If you don't have a proper gasket it can suck air in there and cause the pressure switch to trip. May also affect the drainage.

I would get the proper gasket PLUS put a bit of red RTV silicone on the gasket when you install it. Helps it stick in place and makes a better seal. I would not try just silicone only.

Let the silicone cure for a couple hours B4 starting it.


----------



## SeniorSitizen (Sep 10, 2012)

Quote: Erico; Strangely enough, after playing around with it several weeks ago and finding no clogs, it worked for several weeks without incident. Now it's shutting down again with water collecting in same tube.
********************************************

The flue is too cold. If you'll look at the temperature records, several weeks ago when it worked you'll probably find the weather was warmer and now the temperature has once again gotten colder causing the failure.


----------



## Erico (Oct 24, 2016)

SeniorSitizen said:


> Quote: Erico; Strangely enough, after playing around with it several weeks ago and finding no clogs, it worked for several weeks without incident. Now it's shutting down again with water collecting in same tube.
> ********************************************
> 
> The flue is too cold. If you'll look at the temperature records, several weeks ago when it worked you'll probably find the weather was warmer and now the temperature has once again gotten colder causing the failure.



Hmmmm. You may be on to something. What to do about it??

Thanks!!

I just put it back together and ran the lower problem tube over the inducer motor to avoid a trap. I am ordering a new gasket and will be back at it next time here.


----------



## yuri (Nov 29, 2008)

I doubt it has anything to do with flue temp as high efficiency furnaces have a plastic exhaust pipe which goes thru a warm area. If it had a intake from outside and it was VERY cold like where I am then yeah the air is denser at very cold temps and could affect the combustion/draft. Not a very common issue and it gets to -40F/-40C where I am and we burn that cold air.

I suspect you got a air leak from that bad gasket and it is affecting the works. If we get a crack in a plastic drain trap for a Lennox it won't drain properly and can air lock. Same with other brands.


----------



## Erico (Oct 24, 2016)

yuri said:


> I doubt it has anything to do with flue temp as high efficiency furnaces have a plastic exhaust pipe which goes thru a warm area.
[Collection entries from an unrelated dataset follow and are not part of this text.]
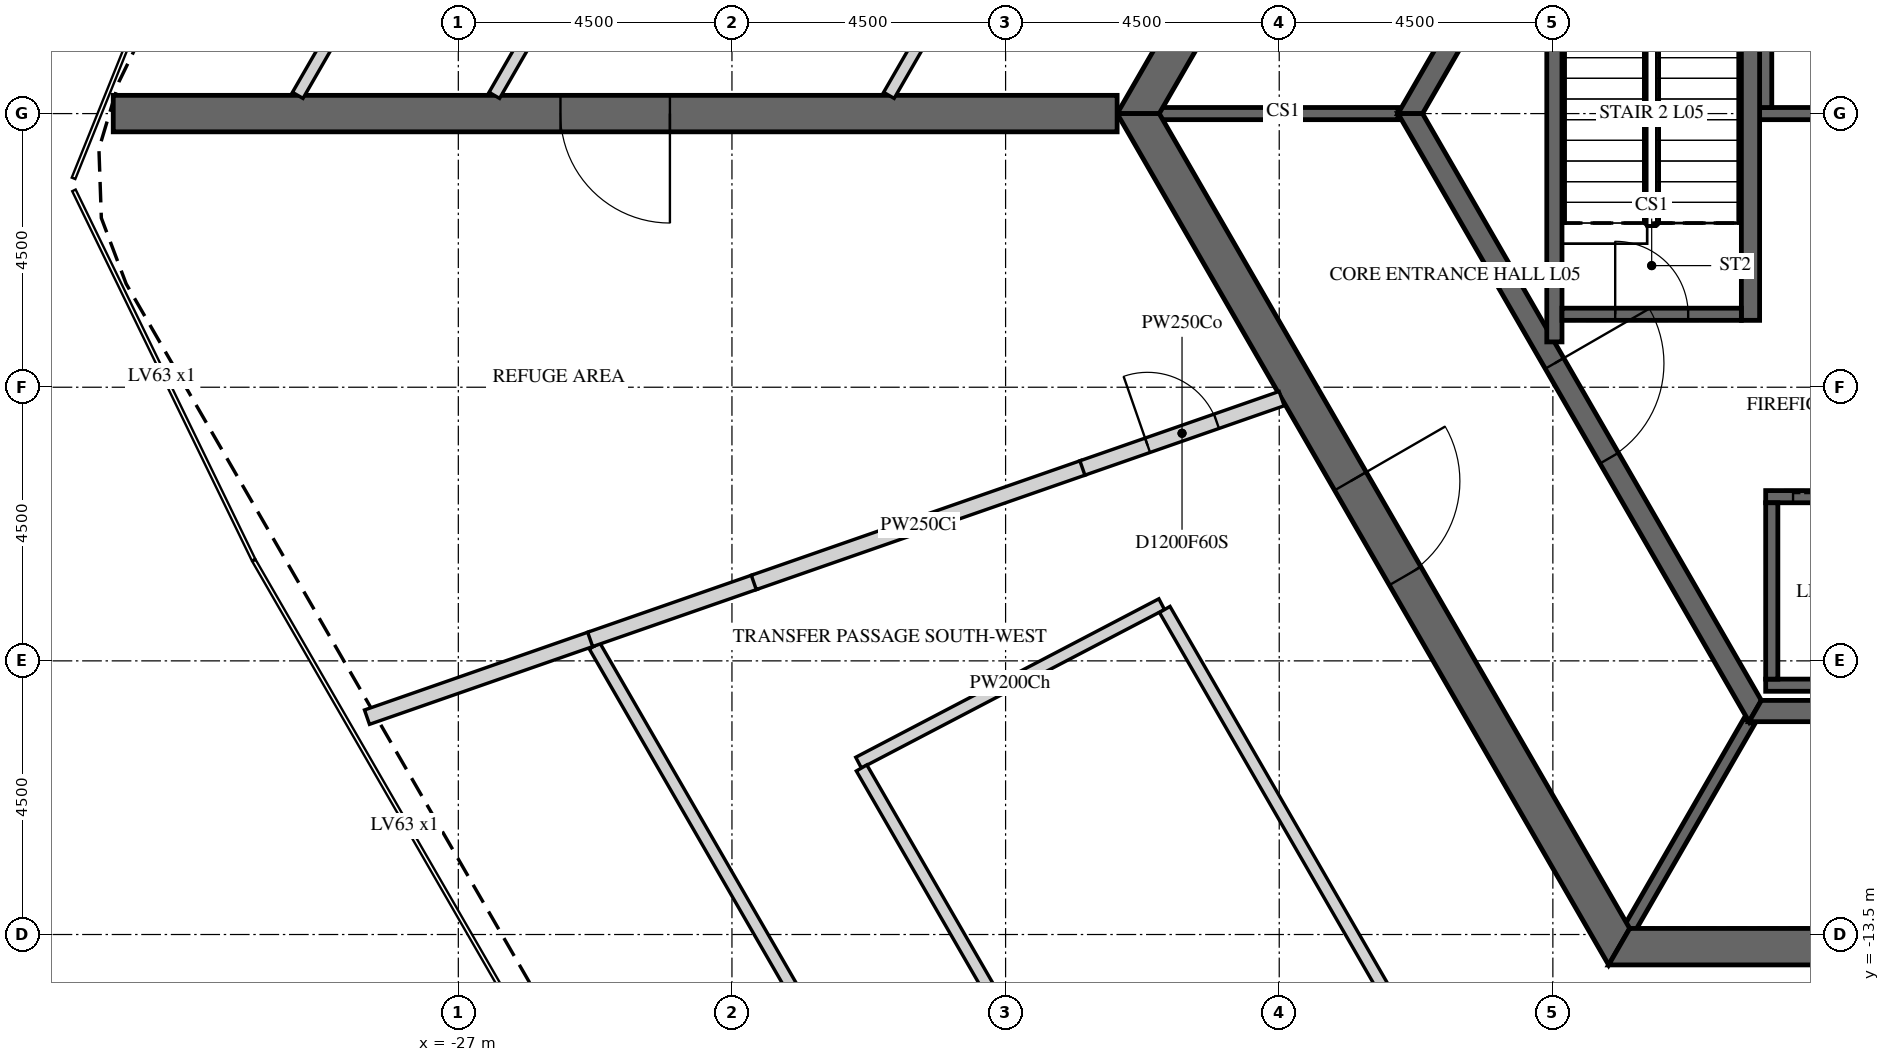
"""IFC4 building model, lengths in metres.
Left out: names, types, materials, properties, quantities, classifications, styles, units other than length and angle.
Written with IfcOpenShell. Run it as: python <this file> out.ifc"""

import sys

from ifc_helpers import new_model, si_unit, direction, frame, frame_2d, origin, place, context, subcontext, project, spatial, polyline, rectangle, outline, extrude, element, fill, save


model = new_model("IFC4")
c1 = context("Model", 3, precision=1e-05, world=origin(), true_north=direction((0.0, 1.0)))
c2 = subcontext(c1, "Body", "Model", "MODEL_VIEW")
j1 = project(units=[si_unit("LENGTHUNIT", "METRE"), si_unit("PLANEANGLEUNIT", "RADIAN")], contexts=[c1])
p1 = place(None, origin())
s1 = spatial("IfcSite", under=j1, at=p1, CompositionType="ELEMENT")
p2 = place(p1, origin())
s2 = spatial("IfcBuilding", under=s1, at=p2, CompositionType="ELEMENT")
p3 = place(p2, frame((0.0, 0.0, 31.5)))
s3 = spatial("IfcBuildingStorey", under=s2, at=p3, CompositionType="ELEMENT", Elevation=31.5)
p4 = place(p3, frame((-7.91, 13.7, -0.3), z_axis=(0.0, 0.0, 1.0), x_axis=(-0.499999880136, -0.866025472988, 0.0)))
e1 = element("IfcWall", 1, at=p4, inside=s3, PredefinedType="SHEAR", context=c2, shape_type="SweptSolid", body=[
    extrude(outline(polyline([(-0.173, -0.3), (15.993, -0.3), (15.646, 0.3), (0.173, 0.3), (-0.173, -0.3)])), origin(), (0.0, 0.0, 1.0), 6.15),
])
p5 = place(p4, frame((7.039, 0.0, 0.3)))
e2 = element("IfcOpeningElement", 2, at=p5, cuts=e1, PredefinedType="OPENING", context=c2, shape_type="SweptSolid", body=[
    extrude(rectangle(XDim=1.8, YDim=2.4, at=frame_2d((0.9, 1.2))), frame((0.0, 0.31, 0.0), z_axis=(0.0, -1.0, 0.0), x_axis=(1.0, 0.0, 0.0)), (0.0, 0.0, 1.0), 0.62),
])
p6 = place(p3, frame((-15.819, 0.0, -0.3), z_axis=(0.0, 0.0, 1.0), x_axis=(0.499999880136, -0.866025472988, 0.0)))
e3 = element("IfcWall", 3, at=p6, inside=s3, PredefinedType="SHEAR", context=c2, shape_type="SweptSolid", body=[
    extrude(outline(polyline([(-0.173, -0.3), (15.993, -0.3), (15.646, 0.3), (0.173, 0.3), (-0.173, -0.3)])), origin(), (0.0, 0.0, 1.0), 6.15),
])
p7 = place(p6, frame((6.981, 0.0, 0.3)))
e4 = element("IfcOpeningElement", 4, at=p7, cuts=e3, PredefinedType="OPENING", context=c2, shape_type="SweptSolid", body=[
    extrude(rectangle(XDim=1.8, YDim=2.4, at=frame_2d((0.9, 1.2))), frame((0.0, 0.31, 0.0), z_axis=(0.0, -1.0, 0.0), x_axis=(1.0, 0.0, 0.0)), (0.0, 0.0, 1.0), 0.62),
])
p8 = place(p3, frame((-7.91, -13.7, -0.3), z_axis=(0.0, 0.0, 1.0), x_axis=(1.0, 0.0, 0.0)))
e5 = element("IfcWall", 5, at=p8, inside=s3, PredefinedType="SHEAR", context=c2, shape_type="SweptSolid", body=[
    extrude(outline(polyline([(-0.173, -0.3), (15.993, -0.3), (15.646, 0.3), (0.173, 0.3), (-0.173, -0.3)])), origin(), (0.0, 0.0, 1.0), 6.15),
])
p9 = place(p8, frame((7.31, 0.0, 0.3)))
e6 = element("IfcOpeningElement", 6, at=p9, cuts=e5, PredefinedType="OPENING", context=c2, shape_type="SweptSolid", body=[
    extrude(rectangle(XDim=1.2, YDim=2.4, at=frame_2d((0.6, 1.2))), frame((0.0, 0.31, 0.0), z_axis=(0.0, -1.0, 0.0), x_axis=(1.0, 0.0, 0.0)), (0.0, 0.0, 1.0), 0.62),
])
p10 = place(p3, frame((-16.166, 0.0, -0.3), z_axis=(0.0, 0.0, 1.0), x_axis=(-1.0, 0.0, 0.0)))
e7 = element("IfcWall", 7, at=p10, inside=s3, PredefinedType="SHEAR", context=c2, shape_type="SweptSolid", body=[
    extrude(rectangle(XDim=16.509, YDim=0.6, at=frame_2d((8.254, 0.0))), origin(), (0.0, 0.0, 1.0), 6.15),
])
p11 = place(p10, frame((7.354, 0.0, 0.3)))
e8 = element("IfcOpeningElement", 8, at=p11, cuts=e7, PredefinedType="OPENING", context=c2, shape_type="SweptSolid", body=[
    extrude(rectangle(XDim=1.8, YDim=2.4, at=frame_2d((0.9, 1.2))), frame((0.0, 0.31, 0.0), z_axis=(0.0, -1.0, 0.0), x_axis=(1.0, 0.0, 0.0)), (0.0, 0.0, 1.0), 0.62),
])
p12 = place(p3, frame((-5.673, 9.825, -0.3), z_axis=(0.0, 0.0, 1.0), x_axis=(-0.499995046907, -0.866028263435, 0.0)))
e9 = element("IfcWall", 9, at=p12, inside=s3, PredefinedType="SHEAR", context=c2, shape_type="SweptSolid", body=[
    extrude(outline(polyline([(-0.101, -0.175), (11.446, -0.175), (11.244, 0.175), (0.101, 0.175), (-0.101, -0.175)])), origin(), (0.0, 0.0, 1.0), 6.15),
])
p13 = place(p12, frame((4.801, 0.0, 0.3)))
e10 = element("IfcOpeningElement", 10, at=p13, cuts=e9, PredefinedType="OPENING", context=c2, shape_type="SweptSolid", body=[
    extrude(rectangle(XDim=1.8, YDim=2.4, at=frame_2d((0.9, 1.2))), frame((0.0, 0.185, 0.0), z_axis=(0.0, -1.0, 0.0), x_axis=(1.0, 0.0, 0.0)), (0.0, 0.0, 1.0), 0.37),
])
p14 = place(p3, frame((-11.345, 0.0, -0.3), z_axis=(0.0, 0.0, 1.0), x_axis=(0.499995046907, -0.866028263435, 0.0)))
e11 = element("IfcWall", 11, at=p14, inside=s3, PredefinedType="SHEAR", context=c2, shape_type="SweptSolid", body=[
    extrude(outline(polyline([(-0.101, -0.175), (11.446, -0.175), (11.244, 0.175), (0.101, 0.175), (-0.101, -0.175)])), origin(), (0.0, 0.0, 1.0), 6.15),
])
p15 = place(p14, frame((4.744, 0.0, 0.3)))
e12 = element("IfcOpeningElement", 12, at=p15, cuts=e11, PredefinedType="OPENING", context=c2, shape_type="SweptSolid", body=[
    extrude(rectangle(XDim=1.8, YDim=2.4, at=frame_2d((0.9, 1.2))), frame((0.0, 0.185, 0.0), z_axis=(0.0, -1.0, 0.0), x_axis=(1.0, 0.0, 0.0)), (0.0, 0.0, 1.0), 0.37),
])
p16 = place(p3, frame((-5.673, -9.825, -0.3), z_axis=(0.0, 0.0, 1.0), x_axis=(1.0, 0.0, 0.0)))
e13 = element("IfcWall", 13, at=p16, inside=s3, PredefinedType="SHEAR", context=c2, shape_type="SweptSolid", body=[
    extrude(outline(polyline([(-0.101, -0.175), (11.446, -0.175), (11.244, 0.175), (0.101, 0.175), (-0.101, -0.175)])), origin(), (0.0, 0.0, 1.0), 6.15),
])
p17 = place(p3, frame((-5.6, 0.0, -0.25), z_axis=(0.0, 0.0, 1.0), x_axis=(1.0, 0.0, 0.0)))
e14 = element("IfcWall", 14, at=p17, inside=s3, PredefinedType="SHEAR", context=c2, shape_type="SweptSolid", body=[
    extrude(rectangle(XDim=11.2, YDim=0.2, at=frame_2d((5.6, 0.0))), origin(), (0.0, 0.0, 1.0), 6.0),
])
p18 = place(p3, frame((-5.5, 0.1, -0.25), z_axis=(0.0, 0.0, 1.0), x_axis=(0.0, 1.0, 0.0)))
e15 = element("IfcWall", 15, at=p18, inside=s3, PredefinedType="SHEAR", context=c2, shape_type="SweptSolid", body=[
    extrude(rectangle(XDim=3.1, YDim=0.2, at=frame_2d((1.55, 0.0))), origin(), (0.0, 0.0, 1.0), 6.0),
])
p19 = place(p3, frame((-5.5, -6.3, -0.25), z_axis=(0.0, 0.0, 1.0), x_axis=(1.0, 0.0, 0.0)))
e16 = element("IfcWall", 16, at=p19, inside=s3, PredefinedType="SHEAR", context=c2, shape_type="SweptSolid", body=[
    extrude(rectangle(XDim=9.2, YDim=0.2, at=frame_2d((4.6, 0.0))), origin(), (0.0, 0.0, 1.0), 6.0),
])
p20 = place(p19, frame((0.45, 0.0, 0.25)))
e17 = element("IfcOpeningElement", 17, at=p20, cuts=e16, PredefinedType="OPENING", context=c2, shape_type="SweptSolid", body=[
    extrude(rectangle(XDim=1.1, YDim=2.1, at=frame_2d((0.55, 1.05))), frame((0.0, 0.11, 0.0), z_axis=(0.0, -1.0, 0.0), x_axis=(1.0, 0.0, 0.0)), (0.0, 0.0, 1.0), 0.22),
])
p21 = place(p19, frame((2.25, 0.0, 0.25)))
e18 = element("IfcOpeningElement", 18, at=p21, cuts=e16, PredefinedType="OPENING", context=c2, shape_type="SweptSolid", body=[
    extrude(rectangle(XDim=1.1, YDim=2.1, at=frame_2d((0.55, 1.05))), frame((0.0, 0.11, 0.0), z_axis=(0.0, -1.0, 0.0), x_axis=(1.0, 0.0, 0.0)), (0.0, 0.0, 1.0), 0.22),
])
p22 = place(p19, frame((4.05, 0.0, 0.25)))
e19 = element("IfcOpeningElement", 19, at=p22, cuts=e16, PredefinedType="OPENING", context=c2, shape_type="SweptSolid", body=[
    extrude(rectangle(XDim=1.1, YDim=2.1, at=frame_2d((0.55, 1.05))), frame((0.0, 0.11, 0.0), z_axis=(0.0, -1.0, 0.0), x_axis=(1.0, 0.0, 0.0)), (0.0, 0.0, 1.0), 0.22),
])
p23 = place(p19, frame((5.85, 0.0, 0.25)))
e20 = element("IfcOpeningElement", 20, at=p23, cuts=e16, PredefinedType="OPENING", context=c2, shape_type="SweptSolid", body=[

If it had a intake from outside and it was VERY cold like where I am then yeah the air is denser at very cold temps and could affect the combustion/draft. Not a very common issue and it gets to -40F/-40C where I am and we burn that cold air.
> 
> I suspect you got a air leak from that bad gasket and it is affecting the works. If we get a crack in a plastic drain trap for a Lennox it won't drain properly and can air lock. Same with other brands.


Thanks! Definitely going to replace the gasket. 

Re: the rtv caulk. Is that the red high temp caulk? I think I've picked that stuff up at homer's in the past?


----------



## beenthere (Oct 11, 2008)

Check to see if the pressure switches have a small pin hole in the port the tube/hose connects too. If so, make sure it is not covered. It helps prevent moisture from building in the switch or hose.

Often, routing the hoses to prevent that gully in it, stops the moisture build up.


----------



## yuri (Nov 29, 2008)

RTV caulk can be black or red. The auto stuff is high temp and black and HVAC stuff seems to be always red.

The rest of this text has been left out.